Sri menekankan bahwa program Gratispol, yang menanggung UKT mahasiswa dari semester 1 hingga semester 8, menjadi prioritas utama dan tidak akan terpengaruh oleh penurunan anggaran lainnya.

“Bagaimana bagian pendidikan? Pendidikan gratis aman. Program yang lain mungkin hanya volumenya yang disesuaikan, tapi pendidikan Gratispol untuk mahasiswa semester 1 sampai semester 8 tahun depan tetap aman. Sudah kita proyeksikan,” ujar Sri.

Menurut Sri, pencairan dana untuk mahasiswa Perguruan Tinggi Negeri (PTN) telah selesai, sementara untuk Perguruan Tinggi Swasta (PTS) masih dalam proses. Beberapa kendala administratif masih menjadi perhatian, seperti kelengkapan data rekening mahasiswa, keaktifan mahasiswa, serta dokumen administrasi yang belum lengkap.

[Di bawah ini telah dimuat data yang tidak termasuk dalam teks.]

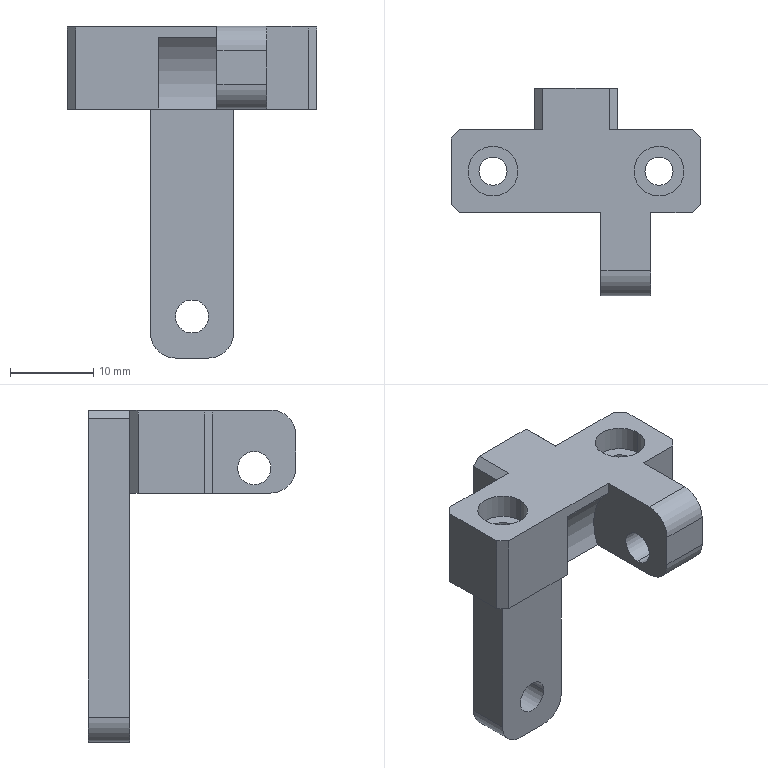Component | SolidWorks | WZH-20190520-F212StopBlockPusher-1 | 1 solid | 48 faces | box 30 x 25 x 40 mm | volume 4838 mm3 | plane 27 | cylinder 21 | commonest cylinder face diameters 6 x8 6.2 x4 4 x4 3.4 x4 15 x1 | material 45
build123d program:
from build123d import *

# Parameters (mm, degrees)
SKETCH2_W           = 10
SKETCH2_H           = 30
BOSS_EXTRUDE1_DEPTH = 5
SKETCH3_W           = 40
SKETCH3_H           = 10
BOSS_EXTRUDE2_DEPTH = 5
SKETCH4_R           = 3
CUT_EXTRUDE1_DEPTH  = 3
SKETCH5_R           = 1.7
CUT_EXTRUDE2_DEPTH  = 42.158
SKETCH6_W           = 10
SKETCH6_H           = 6
BOSS_EXTRUDE3_DEPTH = 10
M4_TAPPED_HOLE1_D   = 4
M4_TAPPED_HOLE2_D   = 4
SKETCH11_R          = 7.5
CUT_EXTRUDE3_DEPTH  = 7
FILLET1_R           = 3
CHAMFER1_SIZE       = 1
SKETCH12_R          = 3.1
CUT_EXTRUDE4_DEPTH  = 3.4


with BuildPart() as part:
    # Sketch2 → Boss-Extrude1 (new, symmetric)
    with BuildSketch(Plane(origin=(0, 0, 0), x_dir=(1, 0, 0), z_dir=(0, 1, 0))):
        Rectangle(SKETCH2_W, SKETCH2_H)
    extrude(amount=BOSS_EXTRUDE1_DEPTH, both=True)

    # Sketch3 → Boss-Extrude2 (add)
    with BuildSketch(Plane(origin=(0, 5, 0), x_dir=(1, 0, 0), z_dir=(0, 1, 0))):
        with Locations((-15, 0)):
            Rectangle(SKETCH3_W, SKETCH3_H)
    extrude(amount=BOSS_EXTRUDE2_DEPTH)

    # Sketch4 → Cut-Extrude1 (cut)
    with BuildSketch(Plane(origin=(5, 0, 0), x_dir=(0, 0, -1), z_dir=(1, 0, 0))):
        with Locations((-10, 0)):
            Circle(SKETCH4_R)
        with Locations((10, 0)):
            Circle(SKETCH4_R)
    extrude(amount=-CUT_EXTRUDE1_DEPTH, mode=Mode.SUBTRACT)

    # Sketch5 → Cut-Extrude2 (cut, through all)
    with BuildSketch(Plane(origin=(2, 0, 0), x_dir=(0, 0, -1), z_dir=(1, 0, 0))):
        with Locations((10, 0)):
            Circle(SKETCH5_R)
        with Locations((-10, 0)):
            Circle(SKETCH5_R)
    extrude(amount=-CUT_EXTRUDE2_DEPTH, mode=Mode.SUBTRACT)

    # Sketch6 → Boss-Extrude3 (add)
    with BuildSketch(Plane.XZ.offset(5)):
        with Locations((0, -6)):
            Rectangle(SKETCH6_W, SKETCH6_H)
    extrude(amount=BOSS_EXTRUDE3_DEPTH)

    # M4 Tapped Hole1 (through all)
    with Locations(Plane.XY.offset(-3)):
        with Locations((-2, -10)):
            Hole(M4_TAPPED_HOLE1_D / 2)

    # M4 Tapped Hole2 (through all)
    with Locations(Plane(origin=(0, 10, 0), x_dir=(1, 0, 0), z_dir=(0, 1, 0))):
        with Locations((-30, 0)):
            Hole(M4_TAPPED_HOLE2_D / 2)

    # Sketch11 → Cut-Extrude3 (cut)
    with BuildSketch(Plane.XY.offset(-3)):
        with Locations((-2, -10)):
            Circle(SKETCH11_R)
    extrude(amount=CUT_EXTRUDE3_DEPTH, mode=Mode.SUBTRACT)

    # Fillet1
    fillet1_edges = [part.edges().sort_by_distance(p)[0] for p in [
        (-35, 7.5, -5),
        (-35, 7.5, 5),
        (-5, -15, -6),
        (5, -15, -6),
    ]]
    fillet(fillet1_edges, radius=FILLET1_R)

    # Chamfer1
    chamfer1_edges = [part.edges().sort_by_distance(p)[0] for p in [
        (0, 5, -15),
        (5, 7.5, 5),
        (5, 7.5, -5),
        (0, -5, -15),
        (0, -5, 15),
        (0, 5, 15),
    ]]
    chamfer(chamfer1_edges, length=CHAMFER1_SIZE)

    # Sketch12 → Cut-Extrude4 (cut)
    with BuildSketch(Plane.ZY.offset(5)):
        with Locations((10, 0)):
            Circle(SKETCH12_R)
        with Locations((-10, 0)):
            Circle(SKETCH12_R)
    extrude(amount=-CUT_EXTRUDE4_DEPTH, mode=Mode.SUBTRACT)


solid = part.part

# Placed as in the assembly
solid = solid.moved(Location((0, 5.5, -25.446), (0, -90, 0)))

“Untuk PTS, ada beberapa yang bermasalah dengan rekeningnya, ada yang kurang aktif, atau administrasinya belum lengkap. Setelah semua kelengkapan ini terpenuhi, proses pencairan akan segera dilakukan.”

Sri juga memastikan bahwa besaran anggaran untuk program pendidikan gratis tetap diperhitungkan secara matang, meski terjadi penyesuaian anggaran di sektor lain.

“Saya lupa besarannya tadi, sekitar Rp44 miliar, tapi nanti kami cek lagi. Yang jelas semua mahasiswa yang berhak akan mendapatkan manfaatnya,” katanya.

Sri menegaskan bahwa meski ada pengurangan anggaran pada beberapa sektor, prioritas pendidikan tetap menjadi fokus utama Pemprov Kaltim. Hal ini dilakukan untuk memastikan akses pendidikan tinggi bagi seluruh pemuda Kalimantan Timur tetap terjamin.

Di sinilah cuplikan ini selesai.